La mostra online sulla videoarte femminista
Curata dalla ricercatrice e storica dell’arte Laura Leuzzi, e visibile online presso la Re_Exhibit_ Rewind Online Gallery fino al 31 agosto, la rassegna riunisce le opere di cinque pioniere – Antonie Frank Grahamsdaughter, Bettina Gruber, Živa Kraus, Lydia Schouten e Maria Vedder – e un lavoro più recente che “eredita” il lascito delle sperimentazioni del secolo scorso, firmato dall’italiana Elisabetta Di Sopra. “Re_Exhibit_ Rewind Online Gallery”, spiega la curatrice, “nasce dalla volontà con Adam Lockhart – che dirige con me la galleria – di dare spazio a nuove ricerche e sperimentazioni curatoriali sulla videoarte cosiddetta ‘delle origini’, stimolando nuove commissioni e risposte all’archivio di ‘Rewind’ (che conserva oltre 500 opere di videoarte britannica) e a progetti come ‘EWVA’ e ‘Rewinditalia’ (sulla videoarte italiana) favorendo un dialogo intergenerazionale e l’apertura a nuovi temi e metodi. Siamo aperti a proposte e stiamo attualmente lavorando alla programmazione per le prossime stagioni”

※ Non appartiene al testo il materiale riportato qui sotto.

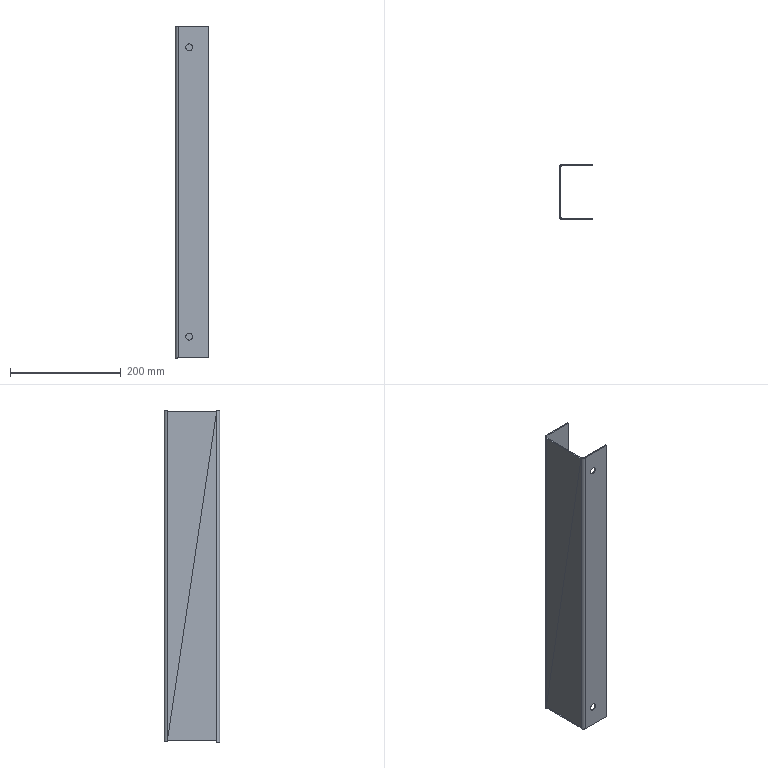Component | SolidWorks | Base-1_BaseLeft-Right-2 | 1 solid | 36 faces | box 60 x 100 x 600 mm | volume 252871 mm3 | plane 24 | cylinder 12 | commonest cylinder face diameters 12.5 x8 7 x2 11 x2
STEP:
#1=COLOUR_RGB('',0.7922,0.8196,0.9333);
#2=FILL_AREA_STYLE_COLOUR('',#1);
#3=FILL_AREA_STYLE('',(#2));
#4=SURFACE_STYLE_FILL_AREA(#3);
#5=SURFACE_SIDE_STYLE('',(#4));
#6=SURFACE_STYLE_USAGE(.BOTH.,#5);
#7=PRESENTATION_STYLE_ASSIGNMENT((#6));
#8=CARTESIAN_POINT('',(-17.788,-8.801,14.723));
#9=VERTEX_POINT('',#8);
#10=CARTESIAN_POINT('',(-18.28,-8.801,14.723));
#11=VERTEX_POINT('',#10);
#12=CARTESIAN_POINT('',(-18.034,-8.801,14.723));
#13=DIRECTION('',(0.,-1.,-0.));
#14=DIRECTION('',(1.,0.,0.));
#15=AXIS2_PLACEMENT_3D('',#12,#13,#14);
#16=CIRCLE('',#15,0.2461);
#17=EDGE_CURVE('',#9,#11,#16,.T.);
#18=ORIENTED_EDGE('',*,*,#17,.F.);
#19=CARTESIAN_POINT('',(-17.788,-8.88,14.723));
#20=VERTEX_POINT('',#19);
#21=CARTESIAN_POINT('',(-17.788,-4.942,14.723));
#22=DIRECTION('',(0.,-1.,-0.));
#23=VECTOR('',#22,39.37);
#24=LINE('',#21,#23);
#25=EDGE_CURVE('',#9,#20,#24,.T.);
#26=ORIENTED_EDGE('',*,*,#25,.T.);
#27=CARTESIAN_POINT('',(-18.28,-8.88,14.723));
#28=VERTEX_POINT('',#27);
#29=CARTESIAN_POINT('',(-18.034,-8.88,14.723));
#30=DIRECTION('',(0.,-1.,-0.));
#31=DIRECTION('',(-1.,-0.,-0.));
#32=AXIS2_PLACEMENT_3D('',#29,#30,#31);
#33=CIRCLE('',#32,0.2461);
#34=EDGE_CURVE('',#20,#28,#33,.T.);
#35=ORIENTED_EDGE('',*,*,#34,.T.);
#36=CARTESIAN_POINT('',(-18.28,-4.942,14.723));
#37=DIRECTION('',(0.,-1.,-0.));
#38=VECTOR('',#37,39.37);
#39=LINE('',#36,#38);
#40=EDGE_CURVE('',#11,#28,#39,.T.);
#41=ORIENTED_EDGE('',*,*,#40,.F.);
#42=EDGE_LOOP('',(#18,#26,#35,#41));
#43=FACE_OUTER_BOUND('',#42,.T.);
#44=CARTESIAN_POINT('',(-18.034,-4.942,14.723));
#45=DIRECTION('',(0.,-1.,-0.));
#46=DIRECTION('',(-1.,-0.,-0.));
#47=AXIS2_PLACEMENT_3D('',#44,#45,#46);
#48=CYLINDRICAL_SURFACE('',#47,0.2461);
#49=ADVANCED_FACE('',(#43),#48,.F.);
#50=CARTESIAN_POINT('',(-17.788,-8.801,-5.867));
#51=VERTEX_POINT('',#50);
#52=CARTESIAN_POINT('',(-18.28,-8.801,-5.867));
#53=VERTEX_POINT('',#52);
#54=CARTESIAN_POINT('',(-18.034,-8.801,-5.867));
#55=DIRECTION('',(0.,-1.,-0.));
#56=DIRECTION('',(1.,0.,0.));
#57=AXIS2_PLACEMENT_3D('',#54,#55,#56);
#58=CIRCLE('',#57,0.2461);
#59=EDGE_CURVE('',#51,#53,#58,.T.);
#60=ORIENTED_EDGE('',*,*,#59,.F.);
#61=CARTESIAN_POINT('',(-17.788,-8.88,-5.867));
#62=VERTEX_POINT('',#61);
#63=CARTESIAN_POINT('',(-17.788,-4.942,-5.867));
#64=DIRECTION('',(0.,-1.,-0.));
#65=VECTOR('',#64,39.37);
#66=LINE('',#63,#65);
#67=EDGE_CURVE('',#51,#62,#66,.T.);
#68=ORIENTED_EDGE('',*,*,#67,.T.);
#69=CARTESIAN_POINT('',(-18.28,-8.88,-5.867));
#70=VERTEX_POINT('',#69);
#71=CARTESIAN_POINT('',(-18.034,-8.88,-5.867));
#72=DIRECTION('',(0.,-1.,-0.));
#73=DIRECTION('',(-1.,-0.,-0.));
#74=AXIS2_PLACEMENT_3D('',#71,#72,#73);
#75=CIRCLE('',#74,0.2461);
#76=EDGE_CURVE('',#62,#70,#75,.T.);
#77=ORIENTED_EDGE('',*,*,#76,.T.);
#78=CARTESIAN_POINT('',(-18.28,-4.942,-5.867));
#79=DIRECTION('',(0.,-1.,-0.));
#80=VECTOR('',#79,39.37);
#81=LINE('',#78,#80);
#82=EDGE_CURVE('',#53,#70,#81,.T.);
#83=ORIENTED_EDGE('',*,*,#82,.F.);
#84=EDGE_LOOP('',(#60,#68,#77,#83));
#85=FACE_OUTER_BOUND('',#84,.T.);
#86=CARTESIAN_POINT('',(-18.034,-4.942,-5.867));
#87=DIRECTION('',(0.,-1.,-0.));
#88=DIRECTION('',(-1.,-0.,-0.));
#89=AXIS2_PLACEMENT_3D('',#86,#87,#88);
#90=CYLINDRICAL_SURFACE('',#89,0.2461);
#91=ADVANCED_FACE('',(#85),#90,.F.);
#92=CARTESIAN_POINT('',(-18.28,-5.021,12.105));
#93=VERTEX_POINT('',#92);
#94=CARTESIAN_POINT('',(-17.788,-5.021,12.105));
#95=VERTEX_POINT('',#94);
#96=CARTESIAN_POINT('',(-18.034,-5.021,12.105));
#97=DIRECTION('',(-0.,1.,0.));
#98=DIRECTION('',(-1.,-0.,-0.));
#99=AXIS2_PLACEMENT_3D('',#96,#97,#98);
#100=CIRCLE('',#99,0.2461);
#101=EDGE_CURVE('',#93,#95,#100,.T.);
#102=ORIENTED_EDGE('',*,*,#101,.F.);
#103=CARTESIAN_POINT('',(-18.28,-4.943,12.105));
#104=VERTEX_POINT('',#103);
#105=CARTESIAN_POINT('',(-18.28,-8.88,12.105));
#106=DIRECTION('',(-0.,1.,0.));
#107=VECTOR('',#106,39.37);
#108=LINE('',#105,#107);
#109=EDGE_CURVE('',#93,#104,#108,.T.);
#110=ORIENTED_EDGE('',*,*,#109,.T.);
#111=CARTESIAN_POINT('',(-17.788,-4.943,12.105));
#112=VERTEX_POINT('',#111);
#113=CARTESIAN_POINT('',(-18.034,-4.943,12.105));
#114=DIRECTION('',(-0.,1.,0.));
#115=DIRECTION('',(1.,0.,0.));
#116=AXIS2_PLACEMENT_3D('',#113,#114,#115);
#117=CIRCLE('',#116,0.2461);
#118=EDGE_CURVE('',#104,#112,#117,.T.);
#119=ORIENTED_EDGE('',*,*,#118,.T.);
#120=CARTESIAN_POINT('',(-17.788,-8.88,12.105));
#121=DIRECTION('',(-0.,1.,0.));
#122=VECTOR('',#121,39.37);
#123=LINE('',#120,#122);
#124=EDGE_CURVE('',#95,#112,#123,.T.);
#125=ORIENTED_EDGE('',*,*,#124,.F.);
#126=EDGE_LOOP('',(#102,#110,#119,#125));
#127=FACE_OUTER_BOUND('',#126,.T.);
#128=CARTESIAN_POINT('',(-18.034,-8.88,12.105));
#129=DIRECTION('',(-0.,1.,0.));
#130=DIRECTION('',(1.,0.,0.));
#131=AXIS2_PLACEMENT_3D('',#128,#129,#130);
#132=CYLINDRICAL_SURFACE('',#131,0.2461);
#133=ADVANCED_FACE('',(#127),#132,.F.);
#134=CARTESIAN_POINT('',(-18.28,-5.021,-3.249));
#135=VERTEX_POINT('',#134);
#136=CARTESIAN_POINT('',(-17.788,-5.021,-3.249));
#137=VERTEX_POINT('',#136);
#138=CARTESIAN_POINT('',(-18.034,-5.021,-3.249));
#139=DIRECTION('',(-0.,1.,0.));
#140=DIRECTION('',(-1.,-0.,-0.));
#141=AXIS2_PLACEMENT_3D('',#138,#139,#140);
#142=CIRCLE('',#141,0.2461);
#143=EDGE_CURVE('',#135,#137,#142,.T.);
#144=ORIENTED_EDGE('',*,*,#143,.F.);
#145=CARTESIAN_POINT('',(-18.28,-4.943,-3.249));
#146=VERTEX_POINT('',#145);
#147=CARTESIAN_POINT('',(-18.28,-8.88,-3.249));
#148=DIRECTION('',(-0.,1.,0.));
#149=VECTOR('',#148,39.37);
#150=LINE('',#147,#149);
#151=EDGE_CURVE('',#135,#146,#150,.T.);
#152=ORIENTED_EDGE('',*,*,#151,.T.);
#153=CARTESIAN_POINT('',(-17.788,-4.943,-3.249));
#154=VERTEX_POINT('',#153);
#155=CARTESIAN_POINT('',(-18.034,-4.943,-3.249));
#156=DIRECTION('',(-0.,1.,0.));
#157=DIRECTION('',(1.,0.,0.));
#158=AXIS2_PLACEMENT_3D('',#155,#156,#157);
#159=CIRCLE('',#158,0.2461);
#160=EDGE_CURVE('',#146,#154,#159,.T.);
#161=ORIENTED_EDGE('',*,*,#160,.T.);
#162=CARTESIAN_POINT('',(-17.788,-8.88,-3.249));
#163=DIRECTION('',(-0.,1.,0.));
#164=VECTOR('',#163,39.37);
#165=LINE('',#162,#164);
#166=EDGE_CURVE('',#137,#154,#165,.T.);
#167=ORIENTED_EDGE('',*,*,#166,.F.);
#168=EDGE_LOOP('',(#144,#152,#161,#167));
#169=FACE_OUTER_BOUND('',#168,.T.);
#170=CARTESIAN_POINT('',(-18.034,-8.88,-3.249));
#171=DIRECTION('',(-0.,1.,0.));
#172=DIRECTION('',(1.,0.,0.));
#173=AXIS2_PLACEMENT_3D('',#170,#171,#172);
#174=CYLINDRICAL_SURFACE('',#173,0.2461);
#175=ADVANCED_FACE('',(#169),#174,.F.);
#176=CARTESIAN_POINT('',(-18.939,-8.663,16.239));
#177=VERTEX_POINT('',#176);
#178=CARTESIAN_POINT('',(-18.939,-8.663,16.239));
#179=VERTEX_POINT('',#178);
#180=CARTESIAN_POINT('',(-18.939,-8.88,16.239));
#181=DIRECTION('',(-0.,1.,0.));
#182=VECTOR('',#181,39.37);
#183=LINE('',#180,#182);
#184=EDGE_CURVE('',#177,#179,#183,.T.);
#185=ORIENTED_EDGE('',*,*,#184,.T.);
#186=CARTESIAN_POINT('',(-19.018,-8.663,16.239));
#187=VERTEX_POINT('',#186);
#188=CARTESIAN_POINT('',(-18.802,-8.663,16.239));
#189=DIRECTION('',(-1.,-0.,-0.));
#190=VECTOR('',#189,39.37);
#191=LINE('',#188,#190);
#192=EDGE_CURVE('',#179,#187,#191,.T.);
#193=ORIENTED_EDGE('',*,*,#192,.T.);
#194=CARTESIAN_POINT('',(-19.018,-8.663,16.239));
#195=DIRECTION('',(1.,0.,0.));
#196=VECTOR('',#195,39.37);
#197=LINE('',#194,#196);
#198=EDGE_CURVE('',#187,#177,#197,.T.);
#199=ORIENTED_EDGE('',*,*,#198,.T.);
#200=EDGE_LOOP('',(#185,#193,#199));
#201=FACE_OUTER_BOUND('',#200,.T.);
#202=CARTESIAN_POINT('',(-18.802,-8.801,16.239));
#203=DIRECTION('',(-0.,-0.,1.));
#204=DIRECTION('',(1.,0.,0.));
#205=AXIS2_PLACEMENT_3D('',#202,#203,#204);
#206=PLANE('',#205);
#207=ADVANCED_FACE('',(#201),#206,.T.);
#208=CARTESIAN_POINT('',(-18.939,-5.159,-7.383));
#209=VERTEX_POINT('',#208);
#210=CARTESIAN_POINT('',(-18.802,-5.021,-7.383));
#211=VERTEX_POINT('',#210);
#212=CARTESIAN_POINT('',(-18.802,-5.159,-7.383));
#213=DIRECTION('',(0.,0.,-1.));
#214=DIRECTION('',(-0.,1.,0.));
#215=AXIS2_PLACEMENT_3D('',#212,#213,#214);
#216=CIRCLE('',#215,0.1378);
#217=EDGE_CURVE('',#209,#211,#216,.T.);
#218=ORIENTED_EDGE('',*,*,#217,.F.);
#219=CARTESIAN_POINT('',(-19.018,-5.159,-7.383));
#220=VERTEX_POINT('',#219);
#221=CARTESIAN_POINT('',(-19.018,-5.159,-7.383));
#222=DIRECTION('',(-1.,-0.,-0.));
#223=VECTOR('',#222,39.37);
#224=LINE('',#221,#223);
#225=EDGE_CURVE('',#209,#220,#224,.T.);
#226=ORIENTED_EDGE('',*,*,#225,.T.);
#227=CARTESIAN_POINT('',(-18.802,-4.943,-7.383));
#228=VERTEX_POINT('',#227);
#229=CARTESIAN_POINT('',(-18.802,-5.159,-7.383));
#230=DIRECTION('',(0.,0.,-1.));
#231=DIRECTION('',(1.,0.,0.));
#232=AXIS2_PLACEMENT_3D('',#229,#230,#231);
#233=CIRCLE('',#232,0.2165);
#234=EDGE_CURVE('',#220,#228,#233,.T.);
#235=ORIENTED_EDGE('',*,*,#234,.T.);
#236=CARTESIAN_POINT('',(-18.802,-5.021,-7.383));
#237=DIRECTION('',(-0.,1.,0.));
#238=VECTOR('',#237,39.37);
#239=LINE('',#236,#238);
#240=EDGE_CURVE('',#211,#228,#239,.T.);
#241=ORIENTED_EDGE('',*,*,#240,.F.);
#242=EDGE_LOOP('',(#218,#226,#235,#241));
#243=FACE_OUTER_BOUND('',#242,.T.);
#244=CARTESIAN_POINT('',(-19.018,-5.159,-7.383));
#245=DIRECTION('',(0.,0.,-1.));
#246=DIRECTION('',(-1.,-0.,-0.));
#247=AXIS2_PLACEMENT_3D('',#244,#245,#246);
#248=PLANE('',#247);
#249=ADVANCED_FACE('',(#243),#248,.T.);
#250=CARTESIAN_POINT('',(-18.939,-8.663,-7.383));
#251=VERTEX_POINT('',#250);
#252=CARTESIAN_POINT('',(-19.018,-8.663,-7.383));
#253=VERTEX_POINT('',#252);
#254=CARTESIAN_POINT('',(-18.939,-8.663,-7.383));
#255=DIRECTION('',(-1.,-0.,-0.));
#256=VECTOR('',#255,39.37);
#257=LINE('',#254,#256);
#258=EDGE_CURVE('',#251,#253,#257,.T.);
#259=ORIENTED_EDGE('',*,*,#258,.T.);
#260=CARTESIAN_POINT('',(-18.939,-8.663,-7.383));
#261=VERTEX_POINT('',#260);
#262=CARTESIAN_POINT('',(-18.802,-8.663,-7.383));
#263=DIRECTION('',(1.,0.,0.));
#264=VECTOR('',#263,39.37);
#265=LINE('',#262,#264);
#266=EDGE_CURVE('',#253,#261,#265,.T.);
#267=ORIENTED_EDGE('',*,*,#266,.T.);
#268=CARTESIAN_POINT('',(-18.939,-8.88,-7.383));
#269=DIRECTION('',(-0.,1.,0.));
#270=VECTOR('',#269,39.37);
#271=LINE('',#268,#270);
#272=EDGE_CURVE('',#251,#261,#271,.T.);
#273=ORIENTED_EDGE('',*,*,#272,.F.);
#274=EDGE_LOOP('',(#259,#267,#273));
#275=FACE_OUTER_BOUND('',#274,.T.);
#276=CARTESIAN_POINT('',(-18.802,-5.021,-7.383));
#277=DIRECTION('',(0.,0.,-1.));
#278=DIRECTION('',(-1.,-0.,-0.));
#279=AXIS2_PLACEMENT_3D('',#276,#277,#278);
#280=PLANE('',#279);
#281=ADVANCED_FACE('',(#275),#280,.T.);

L’analogia tra la donna e la lupa
Il percorso di visita prende il via con un lavoro giovanile dell’artista canadese-svedese Antonie Frank Grahamsdaughter, concepito mentre era studentessa alla Jan Van Eyck Academie di Maastricht. Realizzato nel 1986, il video Transit indaga la profonda connessione tra il corpo femminile e la natura: attraverso i movimenti del proprio corpo nudo, l’artista si allinea con quelli dei lupi che cacciano nei boschi. E in effetti, l’analogia tra la donna e la lupa è nevralgica in tutta l’esposizione, il cui concept prende ispirazione dal libro Donne che corrono coi lupi di Clarissa Pinkola Estès (1992): “lupi e donne sono affini per natura”, scrive la psicanalista statunitense nell’introduzione, “sono curiosi di sapere e possiedono grande forza e resistenza. Sono profondamente intuitivi e si occupano intensamente dei loro piccoli, del compagno, del gruppo. Sono esperti nell’arte di adattarsi a circostanze sempre mutevoli; sono fieramente gagliardi e molto coraggiosi”.
Il legame tra la natura e la femminilità
Al desiderio e alla sessualità femminile è dedicata la videoinstallazione The Lone Ranger Lost in the Jungle of Erotic Desire (1981) dell’olandese Lydia Schouten, che vede l’artista intenta a dipingere con il proprio corpo nudo ricoperto di vernice e poi, in ulteriori sequenze, suonare strumenti tribali, ballare, muoversi liberamente. Il viaggio di She-Wolves_erotism>love>body si conclude infine con Senza Tracce di Elisabetta Di Sopra, che nel 2023 si filma mentre cammina scalza nel deserto del Wadi Rum, in Giordania, cancellando le tracce dei propri passi. Così, la donna figura femminile diventa un archetipo, un personaggio sciamanico – “she-wolf” – che si fonde con la natura e che usa il proprio corpo come strumento per fare esperienza del mondo.